The unfairness of the Gaokao test in China


           How would you feel if you had to wake up at 6:20 in the morning for school and leave at 10:50 at night because you were studying for this one test that decides your future? For Chinese students, this is their life. For them, everything is riding on one test, the Gaokao. This problem is also complicated by whether you live in a large city or in a rural area. Further, social class injustice can affect the ability for students to preform while preparing for this test. Preparing for the Gaokao test is very stressful for most Chinese students.

            The Gaokao test is similar to the SAT and ACT college entrance exams that are given here in the United States. However, the over emphasis on studying for the Gaokao has led to an increase in the suicide rate. Also, there are specific high schools, known as “cram schools,” which do nothing other than to prepare students for the Gaokao entrance examination. It is common for students to begin school at 6:20 in the morning and to end their day at 10:50 at night. In order to keep up with the high demand of test prep, some students are connected to IV drips in order to stay awake.
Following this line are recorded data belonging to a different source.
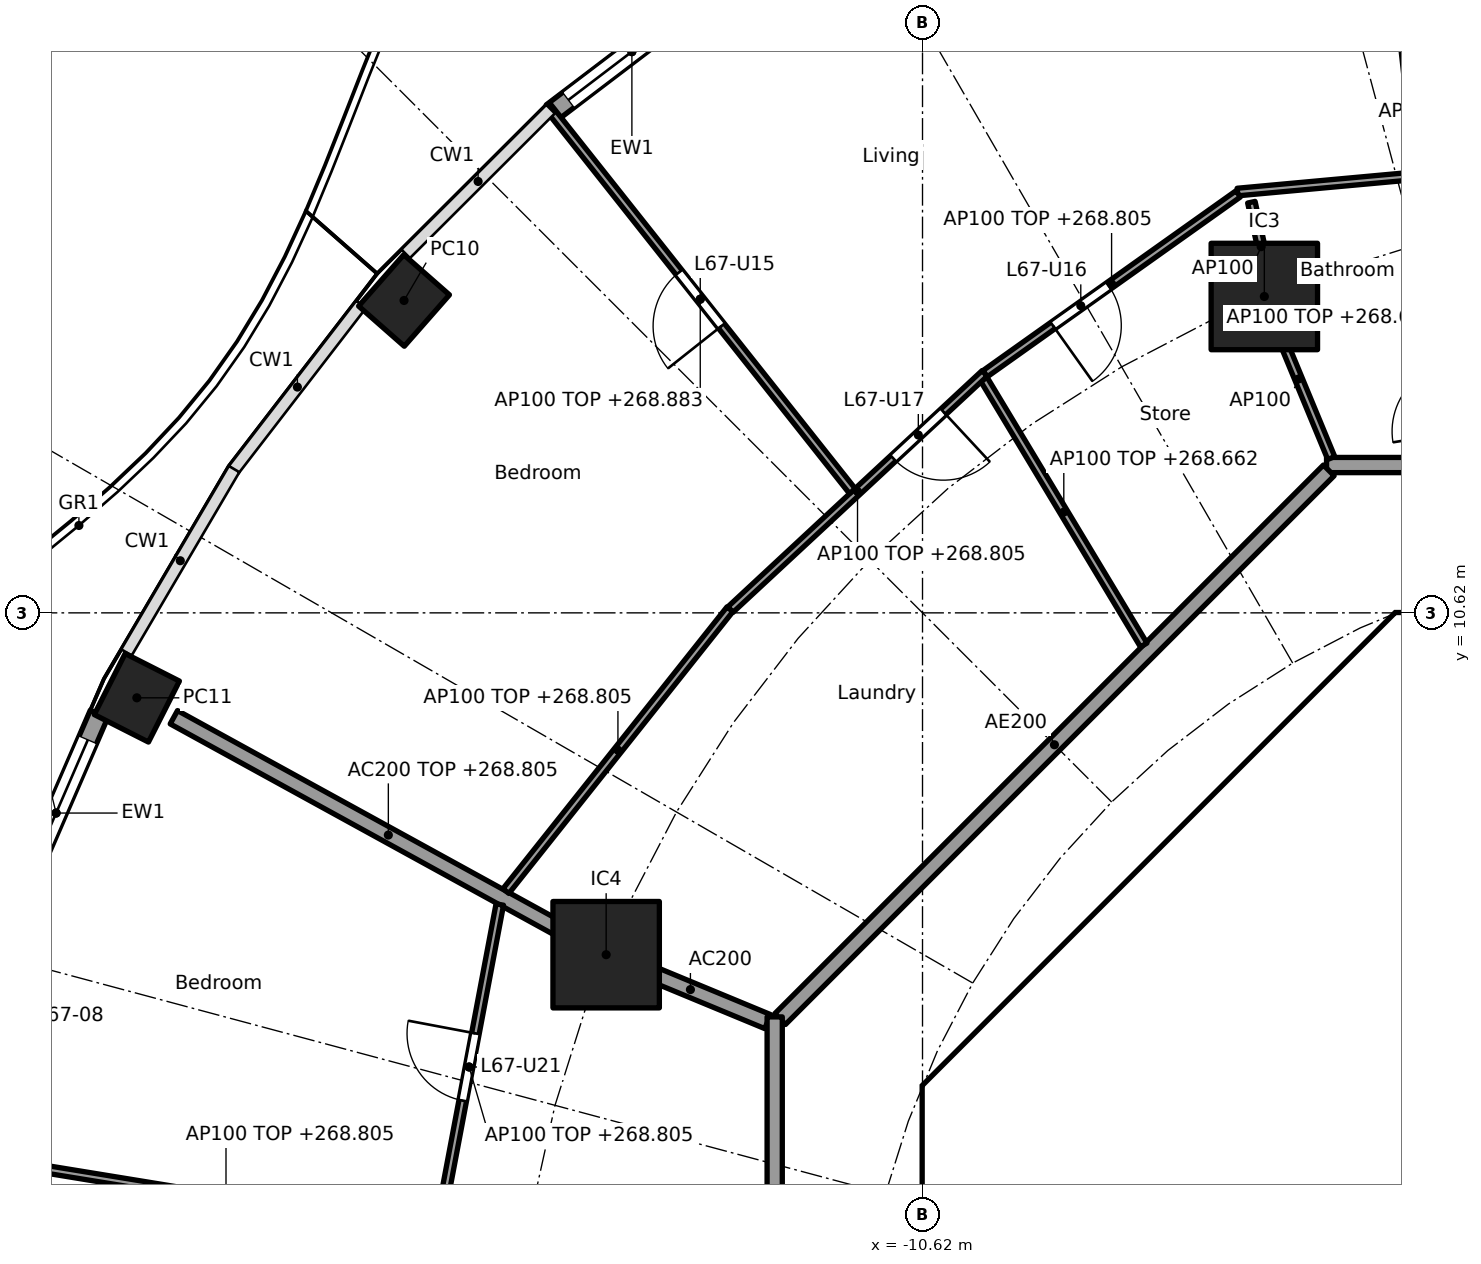
"""IFC4 building model, lengths in metres.
Left out: names, types, materials, properties, quantities, classifications, styles, units other than length and angle.
Written with IfcOpenShell. Run it as: python <this file> out.ifc"""

import sys

from ifc_helpers import new_model, si_unit, direction, frame, frame_2d, origin, origin_2d, place, context, subcontext, project, spatial, polyline, rectangle, hollow_rectangle, outline, extrude, element, fill, save


model = new_model("IFC4")
c1 = context("Model", 3, precision=1e-05, world=origin(), true_north=direction((0.0, 1.0)))
c2 = subcontext(c1, "Body", "Model", "MODEL_VIEW")
j1 = project(units=[si_unit("LENGTHUNIT", "METRE"), si_unit("PLANEANGLEUNIT", "RADIAN")], contexts=[c1])
p1 = place(None, origin())
s1 = spatial("IfcSite", under=j1, at=p1, CompositionType="ELEMENT")
p2 = place(p1, origin())
s2 = spatial("IfcBuilding", under=s1, at=p2, CompositionType="ELEMENT")
p3 = place(p2, frame((0.0, 0.0, 265.9)))
s3 = spatial("IfcBuildingStorey", under=s2, at=p3, CompositionType="ELEMENT", Elevation=265.9)
for number, where, z_axis, x_axis in (
    (1, (-17.441, 14.73, 0.0), (0.0, 0.0, 1.0), (-0.66, -0.751, 0.0)),
    (2, (-20.957, 9.502, 0.0), (0.0, 0.0, 1.0), (-0.452, -0.892, 0.0)),
):
    element("IfcColumn", number, at=place(p3, frame(where, z_axis=z_axis, x_axis=x_axis)), inside=s3, PredefinedType="COLUMN", context=c2, shape_type="SweptSolid", body=[
        extrude(hollow_rectangle(XDim=0.9, YDim=0.8, WallThickness=0.028, at=origin_2d()), origin(), (0.0, 0.0, 1.0), 3.7),
    ])
for number, where, z_axis, x_axis in (
    (3, (-6.123, 14.782, 0.0), (0.0, 0.0, 1.0), (1.0, 0.0, 0.0)),
    (4, (-14.782, 6.123, 0.0), (0.0, 0.0, 1.0), (1.0, 0.0, 0.0)),
):
    element("IfcColumn", number, at=place(p3, frame(where, z_axis=z_axis, x_axis=x_axis)), inside=s3, PredefinedType="COLUMN", context=c2, shape_type="SweptSolid", body=[
        extrude(rectangle(XDim=1.4, YDim=1.4, at=origin_2d()), origin(), (0.0, 0.0, 1.0), 3.7),
    ])
p4 = place(p3, frame((-15.495, 17.204, 0.0), z_axis=(0.0, 0.0, 1.0), x_axis=(0.796010739377, 0.605282498339, 0.0)))
e5 = element("IfcWall", 5, at=p4, inside=s3, PredefinedType="SOLIDWALL", context=c2, shape_type="SweptSolid", body=[
    extrude(rectangle(XDim=2.641, YDim=0.25, at=frame_2d((1.32, 0.0))), origin(), (0.0, 0.0, 1.0), 3.44),
])
p5 = place(p4, frame((0.27, 0.0, 0.0)))
e6 = element("IfcOpeningElement", 6, at=p5, cuts=e5, PredefinedType="OPENING", context=c2, shape_type="SweptSolid", body=[
    extrude(rectangle(XDim=2.1, YDim=2.4, at=frame_2d((1.05, 1.2))), frame((0.0, 0.135, 0.0), z_axis=(0.0, -1.0, 0.0), x_axis=(1.0, 0.0, 0.0)), (0.0, 0.0, 1.0), 0.27),
])
p6 = place(p3, frame((-22.583, 6.683, 0.0), z_axis=(0.0, 0.0, 1.0), x_axis=(0.397597791596, 0.9175598052, 0.0)))
e7 = element("IfcWall", 7, at=p6, inside=s3, PredefinedType="SOLIDWALL", context=c2, shape_type="SweptSolid", body=[
    extrude(rectangle(XDim=2.841, YDim=0.25, at=frame_2d((1.42, 0.0))), origin(), (0.0, 0.0, 1.0), 3.44),
])
p7 = place(p6, frame((0.371, 0.0, 0.0)))
e8 = element("IfcOpeningElement", 8, at=p7, cuts=e7, PredefinedType="OPENING", context=c2, shape_type="SweptSolid", body=[
    extrude(rectangle(XDim=2.1, YDim=2.4, at=frame_2d((1.05, 1.2))), frame((0.0, 0.135, 0.0), z_axis=(0.0, -1.0, 0.0), x_axis=(1.0, 0.0, 0.0)), (0.0, 0.0, 1.0), 0.27),
])
p8 = place(p3, frame((-4.613, 9.988, 0.0), z_axis=(0.0, 0.0, 1.0), x_axis=(-0.707106781187, -0.707106781187, 0.0)))
e9 = element("IfcWall", 9, at=p8, inside=s3, PredefinedType="SHEAR", context=c2, shape_type="SweptSolid", body=[
    extrude(rectangle(XDim=7.602, YDim=0.6, at=frame_2d((3.801, 0.0))), origin(), (0.0, 0.0, 1.0), 3.44),
])
p9 = place(p8, frame((0.351, 0.0, 0.0)))
e10 = element("IfcOpeningElement", 10, at=p9, cuts=e9, PredefinedType="OPENING", context=c2, shape_type="SweptSolid", body=[
    extrude(rectangle(XDim=1.1, YDim=2.1, at=frame_2d((0.55, 1.05))), frame((0.0, 0.31, 0.0), z_axis=(0.0, -1.0, 0.0), x_axis=(1.0, 0.0, 0.0)), (0.0, 0.0, 1.0), 0.62),
])
p10 = place(p3, frame((-10.325, 3.801, 0.0), z_axis=(0.0, 0.0, 1.0), x_axis=(0.0, -1.0, 0.0)))
e11 = element("IfcWall", 11, at=p10, inside=s3, PredefinedType="SHEAR", context=c2, shape_type="SweptSolid", body=[
    extrude(rectangle(XDim=7.602, YDim=0.6, at=frame_2d((3.801, 0.0))), origin(), (0.0, 0.0, 1.0), 3.44),
])
p11 = place(p10, frame((0.651, 0.0, 0.0)))
e12 = element("IfcOpeningElement", 12, at=p11, cuts=e11, PredefinedType="OPENING", context=c2, shape_type="SweptSolid", body=[
    extrude(rectangle(XDim=1.5, YDim=2.1, at=frame_2d((0.75, 1.05))), frame((0.0, 0.31, 0.0), z_axis=(0.0, -1.0, 0.0), x_axis=(1.0, 0.0, 0.0)), (0.0, 0.0, 1.0), 0.62),
])
p12 = place(p10, frame((5.451, 0.0, 0.0)))
e13 = element("IfcOpeningElement", 13, at=p12, cuts=e11, PredefinedType="OPENING", context=c2, shape_type="SweptSolid", body=[
    extrude(rectangle(XDim=1.5, YDim=2.1, at=frame_2d((0.75, 1.05))), frame((0.0, 0.31, 0.0), z_axis=(0.0, -1.0, 0.0), x_axis=(1.0, 0.0, 0.0)), (0.0, 0.0, 1.0), 0.62),
])
p13 = place(p3, frame((-5.8, 4.3, 0.0), z_axis=(0.0, 0.0, 1.0), x_axis=(0.0, 1.0, 0.0)))
e14 = element("IfcWall", 14, at=p13, inside=s3, PredefinedType="PARTITIONING", context=c2, shape_type="SweptSolid", body=[
    extrude(rectangle(XDim=3.927, YDim=0.15, at=frame_2d((1.963, 0.0))), origin(), (0.0, 0.0, 1.0), 3.44),
])
p14 = place(p13, frame((0.262, 0.0, 0.0)))
e15 = element("IfcOpeningElement", 15, at=p14, cuts=e14, PredefinedType="OPENING", context=c2, shape_type="SweptSolid", body=[
    extrude(rectangle(XDim=0.9, YDim=2.1, at=frame_2d((0.45, 1.05))), frame((0.0, 0.085, 0.0), z_axis=(0.0, -1.0, 0.0), x_axis=(1.0, 0.0, 0.0)), (0.0, 0.0, 1.0), 0.17),
])
p15 = place(p13, frame((2.338, 0.0, 0.0)))
e16 = element("IfcOpeningElement", 16, at=p15, cuts=e14, PredefinedType="OPENING", context=c2, shape_type="SweptSolid", body=[
    extrude(rectangle(XDim=0.9, YDim=2.1, at=frame_2d((0.45, 1.05))), frame((0.0, 0.085, 0.0), z_axis=(0.0, -1.0, 0.0), x_axis=(1.0, 0.0, 0.0)), (0.0, 0.0, 1.0), 0.17),
])
p16 = place(p3, origin())
e17 = element("IfcWall", 17, at=p16, inside=s3, PredefinedType="SHEAR", context=c2, shape_type="SweptSolid", body=[
    extrude(outline(polyline([(-10.2, 4.825), (-9.776, 4.401), (-10.025, 4.152), (-10.025, 3.801), (-10.625, 3.801), (-10.625, 4.401), (-10.2, 4.825)])), origin(), (0.0, 0.0, 1.0), 3.44),
])
p17 = place(p3, origin())
e18 = element("IfcWall", 18, at=p17, inside=s3, PredefinedType="SHEAR", context=c2, shape_type="SweptSolid", body=[
    extrude(outline(polyline([(-4.152, 10.025), (-4.401, 9.776), (-4.825, 10.2), (-4.401, 10.625), (4.401, 10.625), (4.825, 10.2), (4.401, 9.776), (4.152, 10.025), (-4.152, 10.025)])), origin(), (0.0, 0.0, 1.0), 3.44),
])
p18 = place(p3, frame((-10.025, 4.0, 0.0), z_axis=(0.0, 0.0, 1.0), x_axis=(1.0, 0.0, 0.0)))
e19 = element("IfcWall", 19, at=p18, inside=s3, PredefinedType="PARTITIONING", context=c2, shape_type="SweptSolid", body=[
    extrude(rectangle(XDim=3.325, YDim=0.2, at=frame_2d((1.662, 0.0))), origin(), (0.0, 0.0, 1.0), 3.44),
])
p19 = place(p3, frame((-8.301, 5.8, 0.0), z_axis=(0.0, 0.0, 1.0), x_axis=(1.0, 0.0, 0.0)))
e20 = element("IfcWall", 20, at=p19, inside=s3, PredefinedType="PARTITIONING", context=c2, shape_type="SweptSolid", body=[
    extrude(rectangle(XDim=2.426, YDim=0.15, at=frame_2d((1.213, 0.0))), origin(), (0.0, 0.0, 1.0), 3.44),
])
p20 = place(p3, origin())
e21 = element("IfcWall", 21, at=p20, inside=s3, PredefinedType="SOLIDWALL", context=c2, shape_type="SweptSolid", body=[
    extrude(outline(polyline([(-6.7, 4.3), (6.7, 4.3), (6.7, 2.1), (6.5, 2.1), (6.5, 4.1), (4.5, 4.1), (4.5, 2.1), (4.3, 2.1), (4.3, 4.1), (2.3, 4.1), (2.3, 2.1), (2.1, 2.1), (2.1, 4.1), (0.1, 4.1), (0.1, 2.1), (-0.1, 2.1), (-0.1, 4.1), (-4.3, 4.1), (-4.3, 2.1), (-4.5, 2.1), (-4.5, 4.1), (-6.5, 4.1), (-6.5, 2.1), (-6.7, 2.1), (-6.7, 4.3)])), origin(), (0.0, 0.0, 1.0), 3.44),
])
p21 = place(p3, frame((-12.657, 5.243, 0.0), z_axis=(0.0, 0.0, 1.0), x_axis=(-0.923869415315, 0.382707856524, 0.0)))
e22 = element("IfcWall", 22, at=p21, inside=s3, PredefinedType="PARTITIONING", context=c2, shape_type="SweptSolid", body=[
    extrude(rectangle(XDim=2.2, YDim=0.2, at=frame_2d((1.1, 0.0))), origin(), (0.0, 0.0, 1.0), 3.44),
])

            As China is still evolving as a modern nation, there is much inequality between educational opportunities between cities and those in rural areas. Because schools in rural areas do not receive adequate funding from the government, they do not have adequate resources, such as computers, internet access and state of the art laboratories. These schools are poorly rated and do not offer proper programming to prepare students for the Gaokao. Further, they are fewer well- trained teachers on their staffs of these schools. These situations put many rural students at a disadvantage compared to their more affluent city peers.

            Even though China has come a long way from its communist past, there are still basically two classes of Chinese society, the very rich and the working poor. Rich families can hire private tutors and pay for test prep courses to give their child a better advantage for preparing for the Gaokao. It is also not uncommon for rich families to bribe their child’s way into prestigious Chinese universities. If all else fails, wealthy parents still have the opportunity to send their students abroad to study at foreign universities. These are advantages that most students from poorer families do not have.

            For the Chinese student the problem is not so much how much is riding on a single test, but rather what has his or her life been like up to this point to prepare him or her for the Gaokao. The school he or she attended was either a well-equipped city school or a school in a rural area that had poorly trained teachers and inadequate resources. It also depends on which social class he or she was born, since rich families can better prepare their students or offer them an opportunity to study abroad. So yes, it is very unfair for a Chinese student to have his or her future decided on by one test- a test that will decide whether he or she has a comfortable life in Chinese society or whether, he or she will be a migrant worker with a dismal future.